I would personally look into a possible neuter for the boy who's starting to bite you, as it really could help the situation. Barring that, I'd look for other ways to engage the rats. You only get out of a pet what you put into it, and I've put hours into training my girls the most complex tricks out there. Anything from fetching money from a purse to agility to weave walking between my legs or doing a wall handstand, anything is possible if you have some time and patience. You can also play the same games with them as you would with a cat, using a cat wand or just a plain string or straw and dragging it along the floor to encourage your rats to chase and pounce on it. My girls love this game so much that they'll perform simple tricks for it! Other than that, just keep trying to pet them and maybe lay off on the more stimulating wrestling games. As I've experienced, some rats just can't handle it and its best not to push them.




Good luck, rats are fantastic pets but I think their affection is over rated. As someone who's had 2 cuddly girls out of 7 rats, I think its unrealistic to expect every rat to be cuddly, especially if your rats are under a year old. I'm sure you'll find some other ways to interact with your boys, and I encourage you to think about things like trick training or having them chase objects as other ways of interacting with them


----------



## Failoore (Dec 17, 2017)

Shadow <3 said:


> I have to ask how old your boys are. Some male rats are unfortunately hit by hormonal aggression at 4-6 months of age.


They are 9 months old. I mentioned that in the post and actually one person on reddit mentioned this as well. Unfortunately I wouldn't be able to neuter him in a near future but would separation help? Or should I just make them more busy? I can't find a job atm so I can be with them all day, it's just I don't really know how to help the bonding.



Shadow <3 said:


> Squeaking is also a sign of discomfort. If you want to change that, you can counter-condition them to like touch like I did with my girl Cream.

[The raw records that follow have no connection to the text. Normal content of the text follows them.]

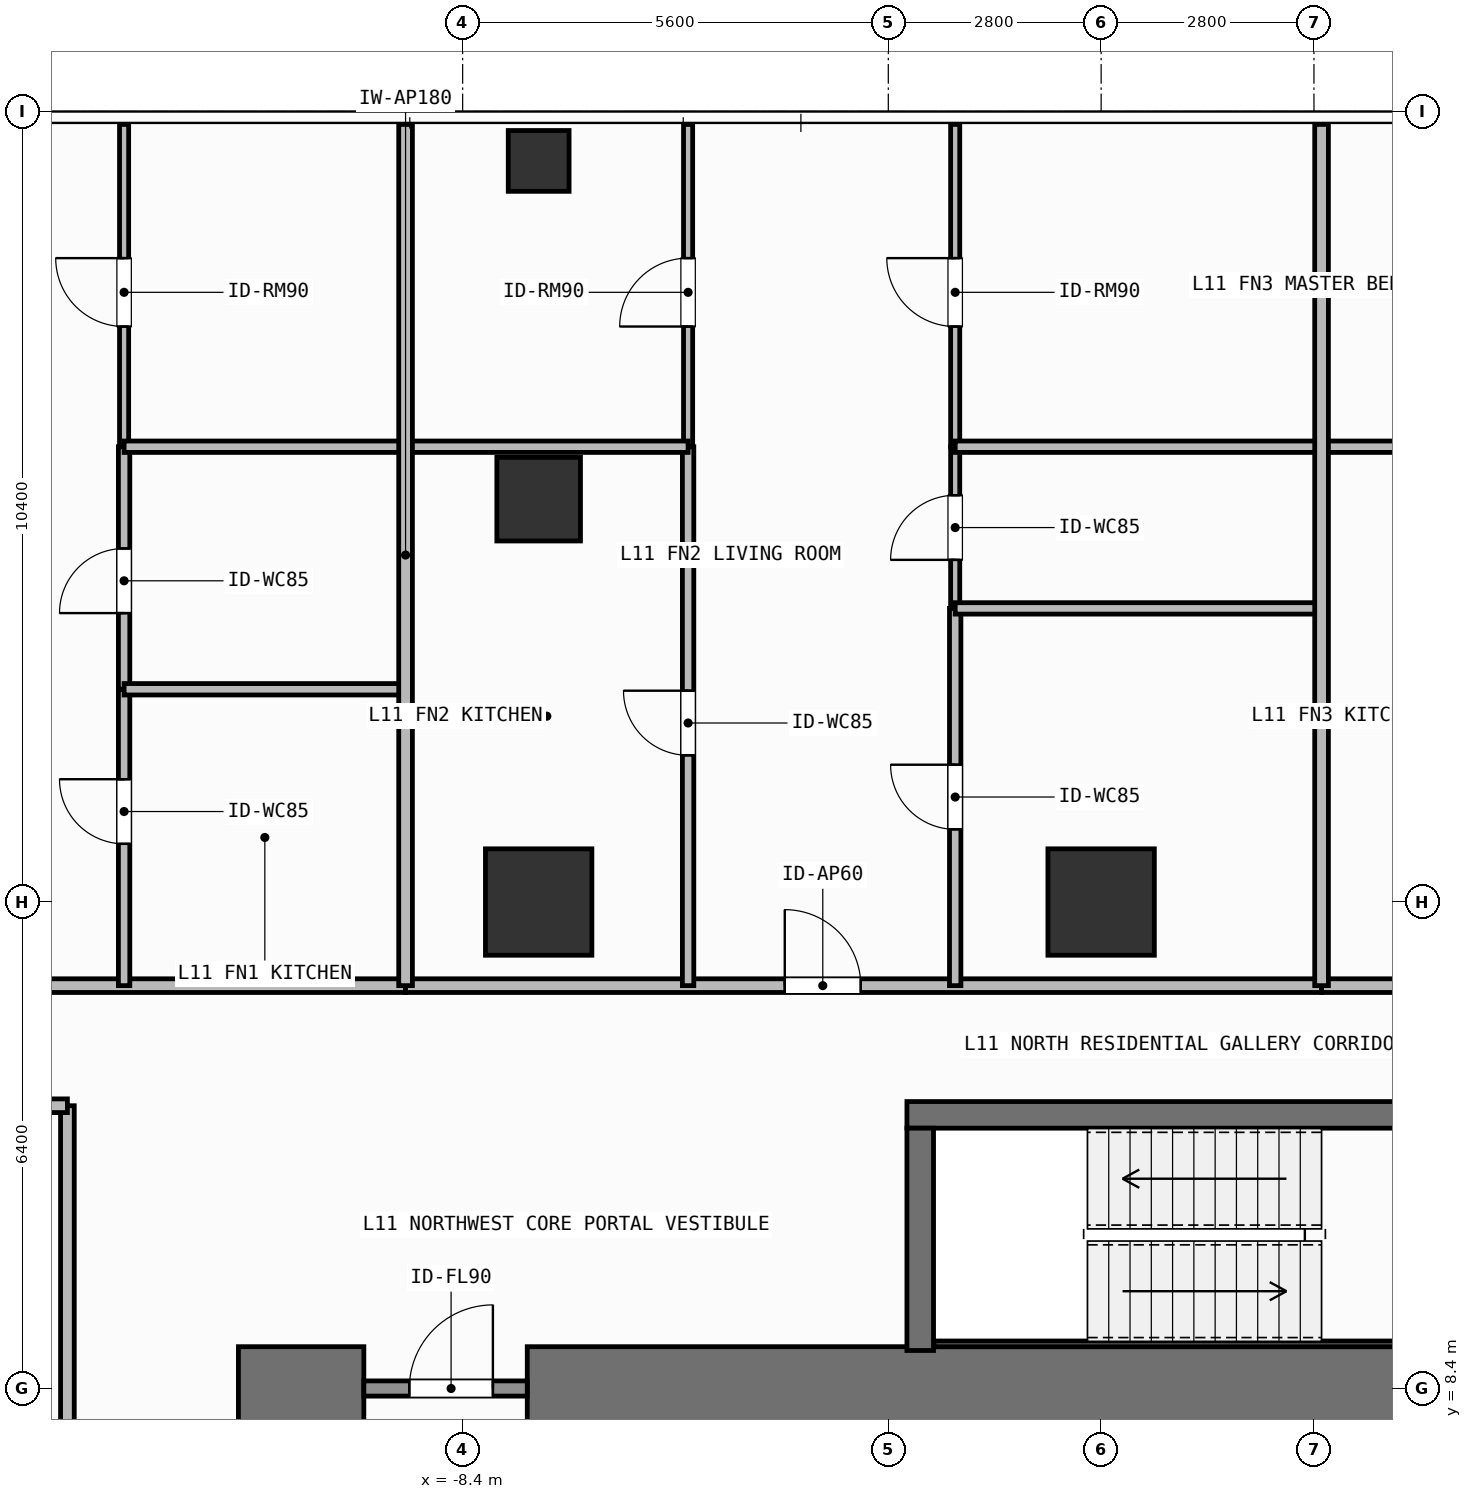
"""IFC4 building model, lengths in metres.
Left out: names, types, materials, properties, quantities, classifications, styles, units other than length and angle.
Written with IfcOpenShell. Run it as: python <this file> out.ifc"""

import sys

from ifc_helpers import new_model, si_unit, direction, frame, frame_2d, origin, origin_2d, place, context, subcontext, project, spatial, rectangle, hollow_rectangle, extrude, element, fill, save


model = new_model("IFC4")
c1 = context("Model", 3, precision=1e-05, world=origin(), true_north=direction((0.0, 1.0)))
c2 = subcontext(c1, "Body", "Model", "MODEL_VIEW")
j1 = project(units=[si_unit("LENGTHUNIT", "METRE"), si_unit("PLANEANGLEUNIT", "RADIAN")], contexts=[c1])
p1 = place(None, origin())
s1 = spatial("IfcSite", under=j1, at=p1, CompositionType="ELEMENT")
p2 = place(p1, origin())
s2 = spatial("IfcBuilding", under=s1, at=p2, CompositionType="ELEMENT")
p3 = place(p2, frame((0.0, 0.0, 42.3)))
s3 = spatial("IfcBuildingStorey", under=s2, at=p3, CompositionType="ELEMENT", Elevation=42.3)
p4 = place(p3, frame((-11.35, 8.4, 0.0), z_axis=(0.0, 0.0, 1.0), x_axis=(1.0, 0.0, 0.0)))
e1 = element("IfcWall", 1, at=p4, inside=s3, PredefinedType="SHEAR", context=c2, shape_type="SweptSolid", body=[
    extrude(rectangle(XDim=1.65, YDim=1.1, at=frame_2d((0.825, 0.0))), origin(), (0.0, 0.0, 1.0), 3.9),
])
p5 = place(p3, frame((-7.55, 8.4, 0.0), z_axis=(0.0, 0.0, 1.0), x_axis=(1.0, 0.0, 0.0)))
e2 = element("IfcWall", 2, at=p5, inside=s3, PredefinedType="SHEAR", context=c2, shape_type="SweptSolid", body=[
    extrude(rectangle(XDim=16.5, YDim=1.1, at=frame_2d((8.25, 0.0))), origin(), (0.0, 0.0, 1.0), 3.9),
])
p6 = place(p3, frame((-2.555, 12.0, 0.0), z_axis=(0.0, 0.0, 1.0), x_axis=(1.0, 0.0, 0.0)))
e3 = element("IfcWall", 3, at=p6, inside=s3, PredefinedType="SHEAR", context=c2, shape_type="SweptSolid", body=[
    extrude(rectangle(XDim=7.31, YDim=0.35, at=frame_2d((3.655, 0.0))), origin(), (0.0, 0.0, 1.0), 3.9),
])
p7 = place(p3, frame((-2.2, 8.988, 0.0), z_axis=(0.0, 0.0, 1.0), x_axis=(1.0, 0.0, 0.0)))
e4 = element("IfcWall", 4, at=p7, inside=s3, PredefinedType="SHEAR", context=c2, shape_type="SweptSolid", body=[
    extrude(rectangle(XDim=6.6, YDim=0.075, at=frame_2d((3.3, 0.0))), origin(), (0.0, 0.0, 1.0), 3.9),
])
p8 = place(p3, frame((-2.38, 8.9, 0.0), z_axis=(0.0, 0.0, 1.0), x_axis=(0.0, 1.0, 0.0)))
e5 = element("IfcWall", 5, at=p8, inside=s3, PredefinedType="SHEAR", context=c2, shape_type="SweptSolid", body=[
    extrude(rectangle(XDim=2.925, YDim=0.35, at=frame_2d((1.462, 0.0))), origin(), (0.0, 0.0, 1.0), 3.9),
])
for number, where, z_axis, x_axis in (
    (6, (-7.4, 14.8, 0.0), (0.0, 0.0, 1.0), (1.0, 0.0, 0.0)),
    (7, (0.0, 14.8, 0.0), (0.0, 0.0, 1.0), (1.0, 0.0, 0.0)),
):
    element("IfcColumn", number, at=place(p3, frame(where, z_axis=z_axis, x_axis=x_axis)), inside=s3, PredefinedType="COLUMN", context=c2, shape_type="SweptSolid", body=[
        extrude(rectangle(XDim=1.4, YDim=1.4, at=origin_2d()), origin(), (0.0, 0.0, 1.0), 3.9),
    ])
p9 = place(p3, frame((-7.4, 20.1, 0.0), z_axis=(0.0, 0.0, 1.0), x_axis=(1.0, 0.0, 0.0)))
e8 = element("IfcColumn", 8, at=p9, inside=s3, PredefinedType="COLUMN", context=c2, shape_type="SweptSolid", body=[
    extrude(rectangle(XDim=1.1, YDim=1.1, at=origin_2d()), origin(), (0.0, 0.0, 1.0), 3.9),
])
p10 = place(p3, frame((-7.4, 24.55, 0.0), z_axis=(0.0, 0.0, 1.0), x_axis=(1.0, 0.0, 0.0)))
e9 = element("IfcColumn", 9, at=p10, inside=s3, PredefinedType="COLUMN", context=c2, shape_type="SweptSolid", body=[
    extrude(hollow_rectangle(XDim=0.8, YDim=0.8, WallThickness=0.036, at=origin_2d()), origin(), (0.0, 0.0, 1.0), 3.9),
])
p11 = place(p3, frame((-9.7, 8.4, 0.0), z_axis=(0.0, 0.0, 1.0), x_axis=(1.0, 0.0, 0.0)))
e10 = element("IfcWall", 10, at=p11, inside=s3, PredefinedType="SOLIDWALL", context=c2, shape_type="SweptSolid", body=[
    extrude(rectangle(XDim=2.15, YDim=0.2, at=frame_2d((1.075, 0.0))), origin(), (0.0, 0.0, 1.0), 2.72),
])
p12 = place(p11, frame((0.598, 0.0, 0.0)))
e11 = element("IfcOpeningElement", 11, at=p12, cuts=e10, PredefinedType="OPENING", context=c2, shape_type="SweptSolid", body=[
    extrude(rectangle(XDim=1.1, YDim=2.15, at=frame_2d((0.55, 1.075))), frame((0.0, 0.11, 0.0), z_axis=(0.0, -1.0, 0.0), x_axis=(1.0, 0.0, 0.0)), (0.0, 0.0, 1.0), 0.22),
])
p13 = place(p3, frame((-18.62, 13.7, 0.0), z_axis=(0.0, 0.0, 1.0), x_axis=(1.0, 0.0, 0.0)))
e12 = element("IfcWall", 12, at=p13, inside=s3, PredefinedType="PARTITIONING", context=c2, shape_type="SweptSolid", body=[
    extrude(rectangle(XDim=9.469, YDim=0.18, at=frame_2d((4.735, 0.0))), origin(), (0.0, 0.0, 1.0), 3.68),
])
p14 = place(p13, frame((1.931, 0.0, 0.0)))
e13 = element("IfcOpeningElement", 13, at=p14, cuts=e12, PredefinedType="OPENING", context=c2, shape_type="SweptSolid", body=[
    extrude(rectangle(XDim=1.0, YDim=2.2, at=frame_2d((0.5, 1.1))), frame((0.0, 0.1, 0.0), z_axis=(0.0, -1.0, 0.0), x_axis=(1.0, 0.0, 0.0)), (0.0, 0.0, 1.0), 0.2),
])
p15 = place(p3, frame((-12.854, 13.7, 0.0), z_axis=(0.0, 0.0, 1.0), x_axis=(0.0, 1.0, 0.0)))
e14 = element("IfcWall", 14, at=p15, inside=s3, PredefinedType="PARTITIONING", context=c2, shape_type="SweptSolid", body=[
    extrude(rectangle(XDim=3.899, YDim=0.15, at=frame_2d((1.95, 0.0))), origin(), (0.0, 0.0, 1.0), 3.68),
])
p16 = place(p15, frame((1.865, 0.0, 0.0)))
e15 = element("IfcOpeningElement", 15, at=p16, cuts=e14, PredefinedType="OPENING", context=c2, shape_type="SweptSolid", body=[
    extrude(rectangle(XDim=0.85, YDim=2.1, at=frame_2d((0.425, 1.05))), frame((0.0, 0.085, 0.0), z_axis=(0.0, -1.0, 0.0), x_axis=(1.0, 0.0, 0.0)), (0.0, 0.0, 1.0), 0.17),
])
p17 = place(p3, frame((-12.854, 17.599, 0.0), z_axis=(0.0, 0.0, 1.0), x_axis=(0.0, 1.0, 0.0)))
e16 = element("IfcWall", 16, at=p17, inside=s3, PredefinedType="PARTITIONING", context=c2, shape_type="SweptSolid", body=[
    extrude(rectangle(XDim=3.191, YDim=0.15, at=frame_2d((1.595, 0.0))), origin(), (0.0, 0.0, 1.0), 3.68),
])
p18 = place(p17, frame((1.002, 0.0, 0.0)))
e17 = element("IfcOpeningElement", 17, at=p18, cuts=e16, PredefinedType="OPENING", context=c2, shape_type="SweptSolid", body=[
    extrude(rectangle(XDim=0.85, YDim=2.1, at=frame_2d((0.425, 1.05))), frame((0.0, 0.085, 0.0), z_axis=(0.0, -1.0, 0.0), x_axis=(1.0, 0.0, 0.0)), (0.0, 0.0, 1.0), 0.17),
])
p19 = place(p3, frame((-12.854, 20.79, 0.0), z_axis=(0.0, 0.0, 1.0), x_axis=(0.0, 1.0, 0.0)))
e18 = element("IfcWall", 18, at=p19, inside=s3, PredefinedType="PARTITIONING", context=c2, shape_type="SweptSolid", body=[
    extrude(rectangle(XDim=4.24, YDim=0.12, at=frame_2d((2.12, 0.0))), origin(), (0.0, 0.0, 1.0), 3.68),
])
p20 = place(p19, frame((1.581, 0.0, 0.0)))
e19 = element("IfcOpeningElement", 19, at=p20, cuts=e18, PredefinedType="OPENING", context=c2, shape_type="SweptSolid", body=[
    extrude(rectangle(XDim=0.9, YDim=2.1, at=frame_2d((0.45, 1.05))), frame((0.0, 0.07, 0.0), z_axis=(0.0, -1.0, 0.0), x_axis=(1.0, 0.0, 0.0)), (0.0, 0.0, 1.0), 0.14),
])
p21 = place(p3, frame((-9.151, 13.7, 0.0), z_axis=(0.0, 0.0, 1.0), x_axis=(1.0, 0.0, 0.0)))
e20 = element("IfcWall", 20, at=p21, inside=s3, PredefinedType="PARTITIONING", context=c2, shape_type="SweptSolid", body=[
    extrude(rectangle(XDim=12.051, YDim=0.18, at=frame_2d((6.025, 0.0))), origin(), (0.0, 0.0, 1.0), 3.68),
])
p22 = place(p21, frame((4.989, 0.0, 0.0)))
e21 = element("IfcOpeningElement", 21, at=p22, cuts=e20, PredefinedType="OPENING", context=c2, shape_type="SweptSolid", body=[
    extrude(rectangle(XDim=1.0, YDim=2.2, at=frame_2d((0.5, 1.1))), frame((0.0, 0.1, 0.0), z_axis=(0.0, -1.0, 0.0), x_axis=(1.0, 0.0, 0.0)), (0.0, 0.0, 1.0), 0.2),
])
p23 = place(p3, frame((-5.434, 13.7, 0.0), z_axis=(0.0, 0.0, 1.0), x_axis=(0.0, 1.0, 0.0)))
e22 = element("IfcWall", 22, at=p23, inside=s3, PredefinedType="PARTITIONING", context=c2, shape_type="SweptSolid", body=[
    extrude(rectangle(XDim=7.09, YDim=0.15, at=frame_2d((3.545, 0.0))), origin(), (0.0, 0.0, 1.0), 3.68),
])
p24 = place(p23, frame((3.03, 0.0, 0.0)))
e23 = element("IfcOpeningElement", 23, at=p24, cuts=e22, PredefinedType="OPENING", context=c2, shape_type="SweptSolid", body=[
    extrude(rectangle(XDim=0.85, YDim=2.1, at=frame_2d((0.425, 1.05))), frame((0.0, 0.085, 0.0), z_axis=(0.0, -1.0, 0.0), x_axis=(1.0, 0.0, 0.0)), (0.0, 0.0, 1.0), 0.17),
])
p25 = place(p3, frame((-5.434, 20.79, 0.0), z_axis=(0.0, 0.0, 1.0), x_axis=(0.0, 1.0, 0.0)))
e24 = element("IfcWall", 24, at=p25, inside=s3, PredefinedType="PARTITIONING", context=c2, shape_type="SweptSolid", body=[
    extrude(rectangle(XDim=4.24, YDim=0.12, at=frame_2d((2.12, 0.0))), origin(), (0.0, 0.0, 1.0), 3.68),
])
p26 = place(p25, frame((1.581, 0.0, 0.0)))
e25 = element("IfcOpeningElement", 25, at=p26, cuts=e24, PredefinedType="OPENING", context=c2, shape_type="SweptSolid", body=[
    extrude(rectangle(XDim=0.9, YDim=2.1, at=frame_2d((0.45, 1.05))), frame((0.0, 0.07, 0.0), z_axis=(0.0, -1.0, 0.0), x_axis=(1.0, 0.0, 0.0)), (0.0, 0.0, 1.0), 0.14),
])
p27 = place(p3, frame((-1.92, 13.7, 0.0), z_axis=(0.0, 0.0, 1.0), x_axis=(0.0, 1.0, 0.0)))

This seems like a great training. Should I do it with them both at the same time or separately?



Shadow <3 said:


> I do have an "indifferent" girl though, who actually reminds me the most of what your describing about your rats. Berry came to me a biter


Sounds like you handled her great. Though, mine didn't come to me as biters, in fact as soon as they got comfortable with me, they just kind of, ignored me I'd say.



Shadow <3 said:


> Finally, age can play a hug factor in how your rats treat you.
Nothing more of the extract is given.